Files are matched to processors as such: for a single file, checks are made based on processor configurations, one processor at a time.

  • The first processor that is found to match the file is used to process the file, and the rest are ignored.
    • So if two processors could have each matched a file, the order in which the processors are checked determines which matches and which is ignored.
  • One or the other, or both, of handled_mimetypes and handled_file_glob can be specified for a processor.
    • If both are specified, mimetype checking is tried first, then file extension glob if mimetype failed or returned False for that processor.
    • Each processor will check both mimetype and file extension glob matching before moving on to the next processor.

Technology

Toml

Toml is used to create configuration files that can be used to tell the worker how to ETL a given file.

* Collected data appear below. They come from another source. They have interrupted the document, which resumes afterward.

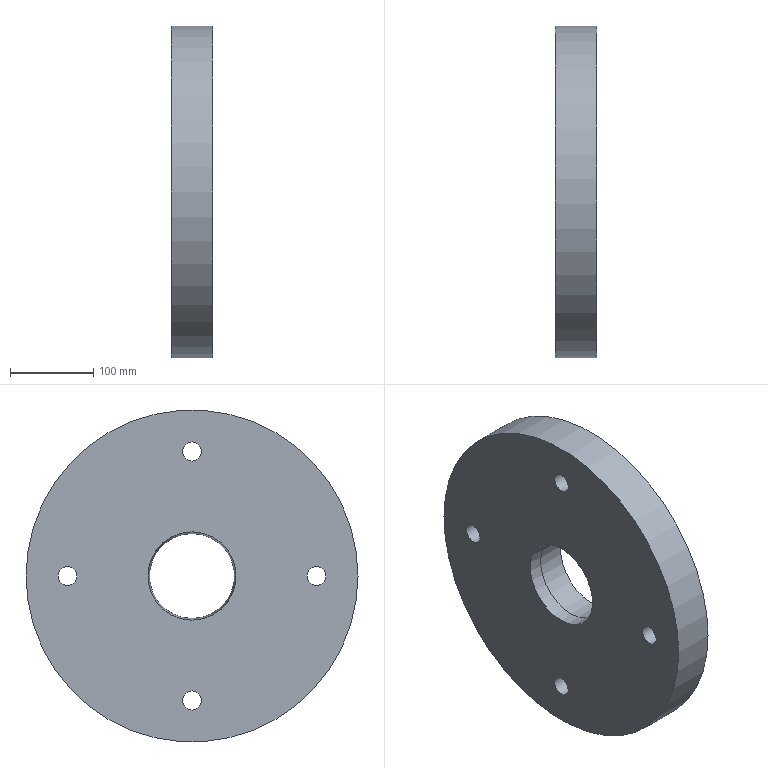Component | NX | ADAPTER_PLATE | 1 solid | 9 faces | box 50 x 400 x 400 mm | volume 5783300 mm3 | cylinder 6 | plane 2 | cone 1 | commonest cylinder face diameters 23 x4 400 x1 102.376 x1
STEP:
#1=CARTESIAN_POINT('',(0.,0.,0.));
#2=DIRECTION('',(0.,0.,1.));
#3=DIRECTION('',(1.,0.,0.));
#4=AXIS2_PLACEMENT_3D('',#1,#2,#3);
#5=CARTESIAN_POINT('',(0.,200.,-0.));
#6=VERTEX_POINT('',#5);
#7=CARTESIAN_POINT('',(0.,0.,0.));
#8=DIRECTION('',(1.,0.,0.));
#9=DIRECTION('',(0.,1.,-0.));
#10=AXIS2_PLACEMENT_3D('',#7,#8,#9);
#11=CIRCLE('',#10,200.);
#12=CARTESIAN_POINT('',(0.,0.,0.));
#13=DIRECTION('',(-1.,0.,0.));
#14=DIRECTION('',(0.,0.,1.));
#15=AXIS2_PLACEMENT_3D('',#12,#13,#14);
#16=CYLINDRICAL_SURFACE('',#15,200.);
#17=CARTESIAN_POINT('',(7.854,0.));
#18=DIRECTION('',(-1.,0.));
#19=VECTOR('',#18,1.);
#20=LINE('',#17,#19);
#21=(GEOMETRIC_REPRESENTATION_CONTEXT(2)PARAMETRIC_REPRESENTATION_CONTEXT()REPRESENTATION_CONTEXT('',''));
#22=DEFINITIONAL_REPRESENTATION('',(#20),#21);
#23=PCURVE('',#16,#22);
#24=CARTESIAN_POINT('',(0.,0.,0.));
#25=DIRECTION('',(1.,0.,0.));
#26=DIRECTION('',(0.,0.,-1.));
#27=AXIS2_PLACEMENT_3D('',#24,#25,#26);
#28=PLANE('',#27);
#29=CARTESIAN_POINT('',(0.,0.));
#30=DIRECTION('',(0.,1.));
#31=AXIS2_PLACEMENT_2D('',#29,#30);
#32=CIRCLE('',#31,200.);
#33=(GEOMETRIC_REPRESENTATION_CONTEXT(2)PARAMETRIC_REPRESENTATION_CONTEXT()REPRESENTATION_CONTEXT('',''));
#34=DEFINITIONAL_REPRESENTATION('',(#32),#33);
#35=PCURVE('',#28,#34);
#36=SURFACE_CURVE('',#11,(#23,#35),.PCURVE_S1.);
#37=EDGE_CURVE('',#6,#6,#36,.T.);
#38=ORIENTED_EDGE('',*,*,#37,.F.);
#39=CARTESIAN_POINT('',(-50.,200.,-0.));
#40=VERTEX_POINT('',#39);
#41=CARTESIAN_POINT('',(0.,200.,0.));
#42=CARTESIAN_POINT('',(-50.,200.,0.));
#43=B_SPLINE_CURVE_WITH_KNOTS('',1,(#41,#42),.UNSPECIFIED.,.F.,.F.,(2,2),(0.,50.),.PIECEWISE_BEZIER_KNOTS.);
#44=CARTESIAN_POINT('',(7.854,0.));
#45=DIRECTION('',(0.,1.));
#46=VECTOR('',#45,1.);
#47=LINE('',#44,#46);
#48=(GEOMETRIC_REPRESENTATION_CONTEXT(2)PARAMETRIC_REPRESENTATION_CONTEXT()REPRESENTATION_CONTEXT('',''));
#49=DEFINITIONAL_REPRESENTATION('',(#47),#48);
#50=PCURVE('',#16,#49);
#51=CARTESIAN_POINT('',(1.571,0.));
#52=DIRECTION('',(0.,1.));
#53=VECTOR('',#52,1.);
#54=LINE('',#51,#53);
#55=(GEOMETRIC_REPRESENTATION_CONTEXT(2)PARAMETRIC_REPRESENTATION_CONTEXT()REPRESENTATION_CONTEXT('',''));
#56=DEFINITIONAL_REPRESENTATION('',(#54),#55);
#57=PCURVE('',#16,#56);
#58=SEAM_CURVE('',#43,(#50,#57),.PCURVE_S1.);
#59=EDGE_CURVE('',#6,#40,#58,.T.);
#60=ORIENTED_EDGE('',*,*,#59,.T.);
#61=CARTESIAN_POINT('',(-50.,0.,0.));
#62=DIRECTION('',(1.,0.,0.));
#63=DIRECTION('',(0.,1.,-0.));
#64=AXIS2_PLACEMENT_3D('',#61,#62,#63);
#65=CIRCLE('',#64,200.);
#66=CARTESIAN_POINT('',(7.854,50.));
#67=DIRECTION('',(-1.,0.));
#68=VECTOR('',#67,1.);
#69=LINE('',#66,#68);
#70=(GEOMETRIC_REPRESENTATION_CONTEXT(2)PARAMETRIC_REPRESENTATION_CONTEXT()REPRESENTATION_CONTEXT('',''));
#71=DEFINITIONAL_REPRESENTATION('',(#69),#70);
#72=PCURVE('',#16,#71);
#73=CARTESIAN_POINT('',(-50.,0.,0.));
#74=DIRECTION('',(1.,0.,0.));
#75=DIRECTION('',(0.,0.,-1.));
#76=AXIS2_PLACEMENT_3D('',#73,#74,#75);
#77=PLANE('',#76);
#78=CARTESIAN_POINT('',(0.,0.));
#79=DIRECTION('',(0.,1.));
#80=AXIS2_PLACEMENT_2D('',#78,#79);
#81=CIRCLE('',#80,200.);
#82=(GEOMETRIC_REPRESENTATION_CONTEXT(2)PARAMETRIC_REPRESENTATION_CONTEXT()REPRESENTATION_CONTEXT('',''));
#83=DEFINITIONAL_REPRESENTATION('',(#81),#82);
#84=PCURVE('',#77,#83);
#85=SURFACE_CURVE('',#65,(#72,#84),.PCURVE_S1.);
#86=EDGE_CURVE('',#40,#40,#85,.T.);
#87=ORIENTED_EDGE('',*,*,#86,.T.);
#88=ORIENTED_EDGE('',*,*,#59,.F.);
#89=EDGE_LOOP('',(#38,#60,#87,#88));
#90=FACE_BOUND('',#89,.T.);
#91=ADVANCED_FACE('',(#90),#16,.T.);
#92=CARTESIAN_POINT('',(0.,150.,-11.5));
#93=VERTEX_POINT('',#92);
#94=CARTESIAN_POINT('',(0.,150.,0.));
#95=DIRECTION('',(1.,0.,0.));
#96=DIRECTION('',(0.,0.,-1.));
#97=AXIS2_PLACEMENT_3D('',#94,#95,#96);
#98=CIRCLE('',#97,11.5);
#99=CARTESIAN_POINT('',(0.,150.));
#100=DIRECTION('',(1.,0.));
#101=AXIS2_PLACEMENT_2D('',#99,#100);
#102=CIRCLE('',#101,11.5);
#103=(GEOMETRIC_REPRESENTATION_CONTEXT(2)PARAMETRIC_REPRESENTATION_CONTEXT()REPRESENTATION_CONTEXT('',''));
#104=DEFINITIONAL_REPRESENTATION('',(#102),#103);
#105=PCURVE('',#28,#104);
#106=CARTESIAN_POINT('',(-50.,150.,0.));
#107=DIRECTION('',(1.,0.,0.));
#108=DIRECTION('',(0.,0.,-1.));
#109=AXIS2_PLACEMENT_3D('',#106,#107,#108);
#110=CYLINDRICAL_SURFACE('',#109,11.5);
#111=CARTESIAN_POINT('',(0.,50.));
#112=DIRECTION('',(1.,0.));
#113=VECTOR('',#112,1.);
#114=LINE('',#111,#113);
#115=(GEOMETRIC_REPRESENTATION_CONTEXT(2)PARAMETRIC_REPRESENTATION_CONTEXT()REPRESENTATION_CONTEXT('',''));
#116=DEFINITIONAL_REPRESENTATION('',(#114),#115);
#117=PCURVE('',#110,#116);
#118=SURFACE_CURVE('',#98,(#105,#117),.PCURVE_S1.);
#119=EDGE_CURVE('',#93,#93,#118,.T.);
#120=ORIENTED_EDGE('',*,*,#119,.F.);
#121=EDGE_LOOP('',(#120));
#122=FACE_BOUND('',#121,.T.);
#123=CARTESIAN_POINT('',(0.,0.,138.5));
#124=VERTEX_POINT('',#123);
#125=CARTESIAN_POINT('',(0.,0.,150.));
#126=DIRECTION('',(1.,0.,0.));
#127=DIRECTION('',(0.,0.,-1.));
#128=AXIS2_PLACEMENT_3D('',#125,#126,#127);
#129=CIRCLE('',#128,11.5);
#130=CARTESIAN_POINT('',(-150.,0.));
#131=DIRECTION('',(1.,0.));
#132=AXIS2_PLACEMENT_2D('',#130,#131);
#133=CIRCLE('',#132,11.5);
#134=(GEOMETRIC_REPRESENTATION_CONTEXT(2)PARAMETRIC_REPRESENTATION_CONTEXT()REPRESENTATION_CONTEXT('',''));
#135=DEFINITIONAL_REPRESENTATION('',(#133),#134);
#136=PCURVE('',#28,#135);
#137=CARTESIAN_POINT('',(-50.,0.,150.));
#138=DIRECTION('',(1.,0.,0.));
#139=DIRECTION('',(0.,0.,-1.));
#140=AXIS2_PLACEMENT_3D('',#137,#138,#139);
#141=CYLINDRICAL_SURFACE('',#140,11.5);
#142=CARTESIAN_POINT('',(0.,50.));
#143=DIRECTION('',(1.,0.));
#144=VECTOR('',#143,1.);
#145=LINE('',#142,#144);
#146=(GEOMETRIC_REPRESENTATION_CONTEXT(2)PARAMETRIC_REPRESENTATION_CONTEXT()REPRESENTATION_CONTEXT('',''));
#147=DEFINITIONAL_REPRESENTATION('',(#145),#146);
#148=PCURVE('',#141,#147);
#149=SURFACE_CURVE('',#129,(#136,#148),.PCURVE_S1.);
#150=EDGE_CURVE('',#124,#124,#149,.T.);
#151=ORIENTED_EDGE('',*,*,#150,.F.);
#152=EDGE_LOOP('',(#151));
#153=FACE_BOUND('',#152,.T.);
#154=CARTESIAN_POINT('',(0.,0.,-161.5));
#155=VERTEX_POINT('',#154);
#156=CARTESIAN_POINT('',(0.,0.,-150.));
#157=DIRECTION('',(1.,0.,0.));
#158=DIRECTION('',(0.,0.,-1.));
#159=AXIS2_PLACEMENT_3D('',#156,#157,#158);
#160=CIRCLE('',#159,11.5);
#161=CARTESIAN_POINT('',(150.,0.));
#162=DIRECTION('',(1.,0.));
#163=AXIS2_PLACEMENT_2D('',#161,#162);
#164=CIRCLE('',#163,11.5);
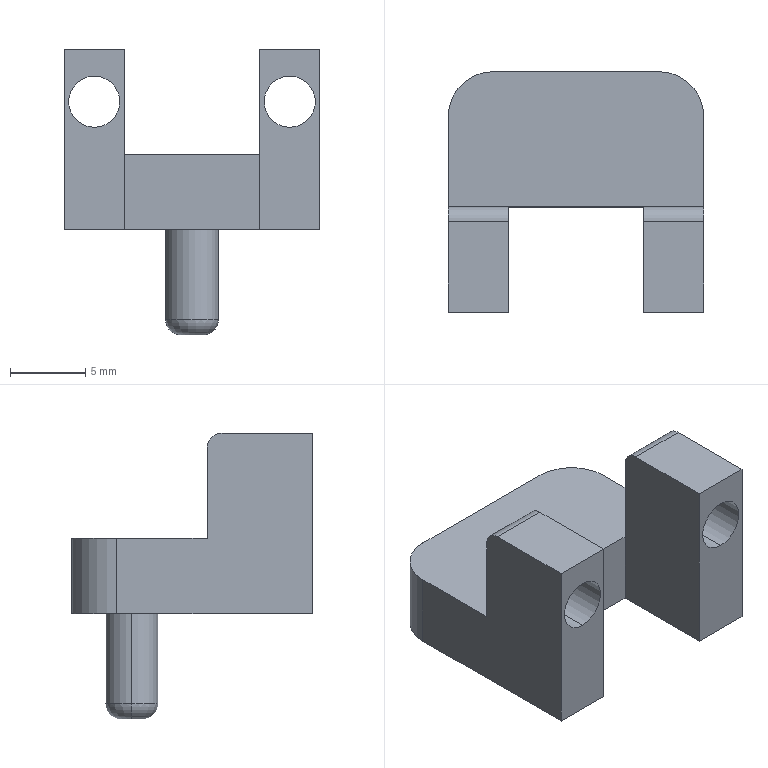Component | SolidWorks | MGL-PACK-01-00WeldedPlate1Assembly-1_MGL-PACK-01-02LocatingBlock-1 | 2 solids | 28 faces | box 17 x 16 x 19 mm | volume 1354 mm3 | plane 16 | cylinder 10 | torus 2 | commonest cylinder face diameters 3.4 x4 3.5 x2 6 x2 2 x2
STEP:
#1=COLOUR_RGB('',0.7922,0.8196,0.9333);
#2=FILL_AREA_STYLE_COLOUR('',#1);
#3=FILL_AREA_STYLE('',(#2));
#4=SURFACE_STYLE_FILL_AREA(#3);
#5=SURFACE_SIDE_STYLE('',(#4));
#6=SURFACE_STYLE_USAGE(.BOTH.,#5);
#7=PRESENTATION_STYLE_ASSIGNMENT((#6));
#8=CARTESIAN_POINT('',(-6.341,1.831,0.2677));
#9=VERTEX_POINT('',#8);
#10=CARTESIAN_POINT('',(-6.341,1.831,0.4016));
#11=VERTEX_POINT('',#10);
#12=CARTESIAN_POINT('',(-6.341,1.831,0.3346));
#13=DIRECTION('',(-0.,1.,0.));
#14=DIRECTION('',(-1.,0.,0.));
#15=AXIS2_PLACEMENT_3D('',#12,#13,#14);
#16=CIRCLE('',#15,0.06693);
#17=EDGE_CURVE('',#9,#11,#16,.T.);
#18=ORIENTED_EDGE('',*,*,#17,.F.);
#19=CARTESIAN_POINT('',(-6.341,2.106,0.2677));
#20=VERTEX_POINT('',#19);
#21=CARTESIAN_POINT('',(-6.341,2.106,0.2677));
#22=DIRECTION('',(0.,1.,0.));
#23=VECTOR('',#22,39.37);
#24=LINE('',#21,#23);
#25=EDGE_CURVE('',#9,#20,#24,.T.);
#26=ORIENTED_EDGE('',*,*,#25,.T.);
#27=CARTESIAN_POINT('',(-6.341,2.106,0.4016));
#28=VERTEX_POINT('',#27);
#29=CARTESIAN_POINT('',(-6.341,2.106,0.3346));
#30=DIRECTION('',(0.,1.,0.));
#31=DIRECTION('',(0.,0.,1.));
#32=AXIS2_PLACEMENT_3D('',#29,#30,#31);
#33=CIRCLE('',#32,0.06693);
#34=EDGE_CURVE('',#20,#28,#33,.T.);
#35=ORIENTED_EDGE('',*,*,#34,.T.);
#36=CARTESIAN_POINT('',(-6.341,2.106,0.4016));
#37=DIRECTION('',(0.,1.,0.));
#38=VECTOR('',#37,39.37);
#39=LINE('',#36,#38);
#40=EDGE_CURVE('',#11,#28,#39,.T.);
#41=ORIENTED_EDGE('',*,*,#40,.F.);
#42=EDGE_LOOP('',(#18,#26,#35,#41));
#43=FACE_OUTER_BOUND('',#42,.T.);
#44=CARTESIAN_POINT('',(-6.341,2.106,0.3346));
#45=DIRECTION('',(0.,1.,0.));
#46=DIRECTION('',(0.,0.,1.));
#47=AXIS2_PLACEMENT_3D('',#44,#45,#46);
#48=CYLINDRICAL_SURFACE('',#47,0.06693);
#49=ADVANCED_FACE('',(#43),#48,.F.);
#50=CARTESIAN_POINT('',(-5.829,1.831,0.2677));
#51=VERTEX_POINT('',#50);
#52=CARTESIAN_POINT('',(-5.829,1.831,0.4016));
#53=VERTEX_POINT('',#52);
#54=CARTESIAN_POINT('',(-5.829,1.831,0.3346));
#55=DIRECTION('',(0.,1.,0.));
#56=DIRECTION('',(-1.,0.,0.));
#57=AXIS2_PLACEMENT_3D('',#54,#55,#56);
#58=CIRCLE('',#57,0.06693);
#59=EDGE_CURVE('',#51,#53,#58,.T.);
#60=ORIENTED_EDGE('',*,*,#59,.F.);
#61=CARTESIAN_POINT('',(-5.829,2.106,0.2677));
#62=VERTEX_POINT('',#61);
#63=CARTESIAN_POINT('',(-5.829,2.106,0.2677));
#64=DIRECTION('',(0.,1.,0.));
#65=VECTOR('',#64,39.37);
#66=LINE('',#63,#65);
#67=EDGE_CURVE('',#51,#62,#66,.T.);
#68=ORIENTED_EDGE('',*,*,#67,.T.);
#69=CARTESIAN_POINT('',(-5.829,2.106,0.4016));
#70=VERTEX_POINT('',#69);
#71=CARTESIAN_POINT('',(-5.829,2.106,0.3346));
#72=DIRECTION('',(0.,1.,0.));
#73=DIRECTION('',(0.,0.,1.));
#74=AXIS2_PLACEMENT_3D('',#71,#72,#73);
#75=CIRCLE('',#74,0.06693);
#76=EDGE_CURVE('',#62,#70,#75,.T.);
#77=ORIENTED_EDGE('',*,*,#76,.T.);
#78=CARTESIAN_POINT('',(-5.829,2.106,0.4016));
#79=DIRECTION('',(0.,1.,0.));
#80=VECTOR('',#79,39.37);
#81=LINE('',#78,#80);
#82=EDGE_CURVE('',#53,#70,#81,.T.);
#83=ORIENTED_EDGE('',*,*,#82,.F.);
#84=EDGE_LOOP('',(#60,#68,#77,#83));
#85=FACE_OUTER_BOUND('',#84,.T.);
#86=CARTESIAN_POINT('',(-5.829,2.106,0.3346));
#87=DIRECTION('',(0.,1.,0.));
#88=DIRECTION('',(0.,0.,1.));
#89=AXIS2_PLACEMENT_3D('',#86,#87,#88);
#90=CYLINDRICAL_SURFACE('',#89,0.06693);
#91=ADVANCED_FACE('',(#85),#90,.F.);
#92=CARTESIAN_POINT('',(-6.262,1.831,0.4724));
#93=VERTEX_POINT('',#92);
#94=CARTESIAN_POINT('',(-6.262,2.067,0.4724));
#95=VERTEX_POINT('',#94);
#96=CARTESIAN_POINT('',(-6.262,1.831,0.4724));
#97=DIRECTION('',(0.,1.,0.));
#98=VECTOR('',#97,39.37);
#99=LINE('',#96,#98);
#100=EDGE_CURVE('',#93,#95,#99,.T.);
#101=ORIENTED_EDGE('',*,*,#100,.T.);
#102=CARTESIAN_POINT('',(-6.419,2.067,0.4724));
#103=VERTEX_POINT('',#102);
#104=CARTESIAN_POINT('',(-6.419,2.067,0.4724));
#105=DIRECTION('',(-1.,-0.,0.));
#106=VECTOR('',#105,39.37);
#107=LINE('',#104,#106);
#108=EDGE_CURVE('',#95,#103,#107,.T.);
#109=ORIENTED_EDGE('',*,*,#108,.T.);
#110=CARTESIAN_POINT('',(-6.419,1.831,0.4724));
#111=VERTEX_POINT('',#110);
#112=CARTESIAN_POINT('',(-6.419,2.461,0.4724));
#113=DIRECTION('',(-0.,-1.,0.));
#114=VECTOR('',#113,39.37);
#115=LINE('',#112,#114);
#116=EDGE_CURVE('',#103,#111,#115,.T.);
#117=ORIENTED_EDGE('',*,*,#116,.T.);
#118=CARTESIAN_POINT('',(-6.419,1.831,0.4724));
#119=DIRECTION('',(1.,0.,0.));
#120=VECTOR('',#119,39.37);
#121=LINE('',#118,#120);
#122=EDGE_CURVE('',#111,#93,#121,.T.);
#123=ORIENTED_EDGE('',*,*,#122,.T.);
#124=EDGE_LOOP('',(#101,#109,#117,#123));
#125=FACE_OUTER_BOUND('',#124,.T.);
#126=CARTESIAN_POINT('',(-6.085,2.146,0.4724));
#127=DIRECTION('',(0.,0.,1.));
#128=DIRECTION('',(1.,0.,0.));
#129=AXIS2_PLACEMENT_3D('',#126,#127,#128);
#130=PLANE('',#129);
#131=ADVANCED_FACE('',(#125),#130,.T.);
#132=ORIENTED_EDGE('',*,*,#116,.F.);
#133=CARTESIAN_POINT('',(-6.419,2.106,0.4331));
#134=VERTEX_POINT('',#133);
#135=CARTESIAN_POINT('',(-6.419,2.067,0.4331));
#136=DIRECTION('',(-1.,0.,0.));
#137=DIRECTION('',(0.,1.,0.));
#138=AXIS2_PLACEMENT_3D('',#135,#136,#137);
#139=CIRCLE('',#138,0.03937);
#140=EDGE_CURVE('',#103,#134,#139,.T.);
#141=ORIENTED_EDGE('',*,*,#140,.T.);
#142=CARTESIAN_POINT('',(-6.419,2.106,0.1969));
#143=VERTEX_POINT('',#142);
#144=CARTESIAN_POINT('',(-6.419,2.106,0.1969));
#145=DIRECTION('',(0.,0.,1.));
#146=VECTOR('',#145,39.37);
#147=LINE('',#144,#146);
#148=EDGE_CURVE('',#143,#134,#147,.T.);
#149=ORIENTED_EDGE('',*,*,#148,.F.);
#150=CARTESIAN_POINT('',(-6.419,2.343,0.1969));
#151=VERTEX_POINT('',#150);
#152=CARTESIAN_POINT('',(-6.419,2.106,0.1969));
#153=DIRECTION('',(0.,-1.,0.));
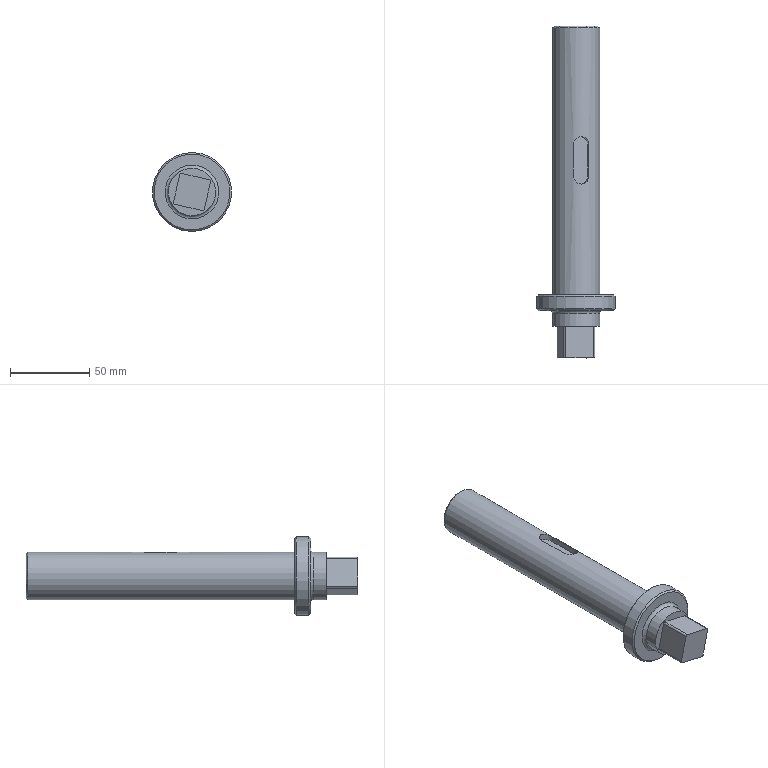Component | NX | SPINDLE | 1 solid | 25 faces | volume 153694 mm3 | plane 12 | cylinder 9 | cone 3 | torus 1 | commonest cylinder face diameters 2 x4 30 x2 10 x2 50 x1

An example configuration file can be seen in the example_config.toml and the example_python_config.toml.

MinIO

Several buckets are used as stages in the ETL process. These buckets are defined in the toml config file. The buckets are created i

  • inbox_dir
  • processing_dir
  • archive_dir
  • error_dir

Settings

The Settings class allows for the usage of environment variables or a .env file to supply the appropriate arguments based on its inheritance of Pyandatic's BaseSettings class. Additional details on how BaseSettings works can be found in the Pydantic documentation.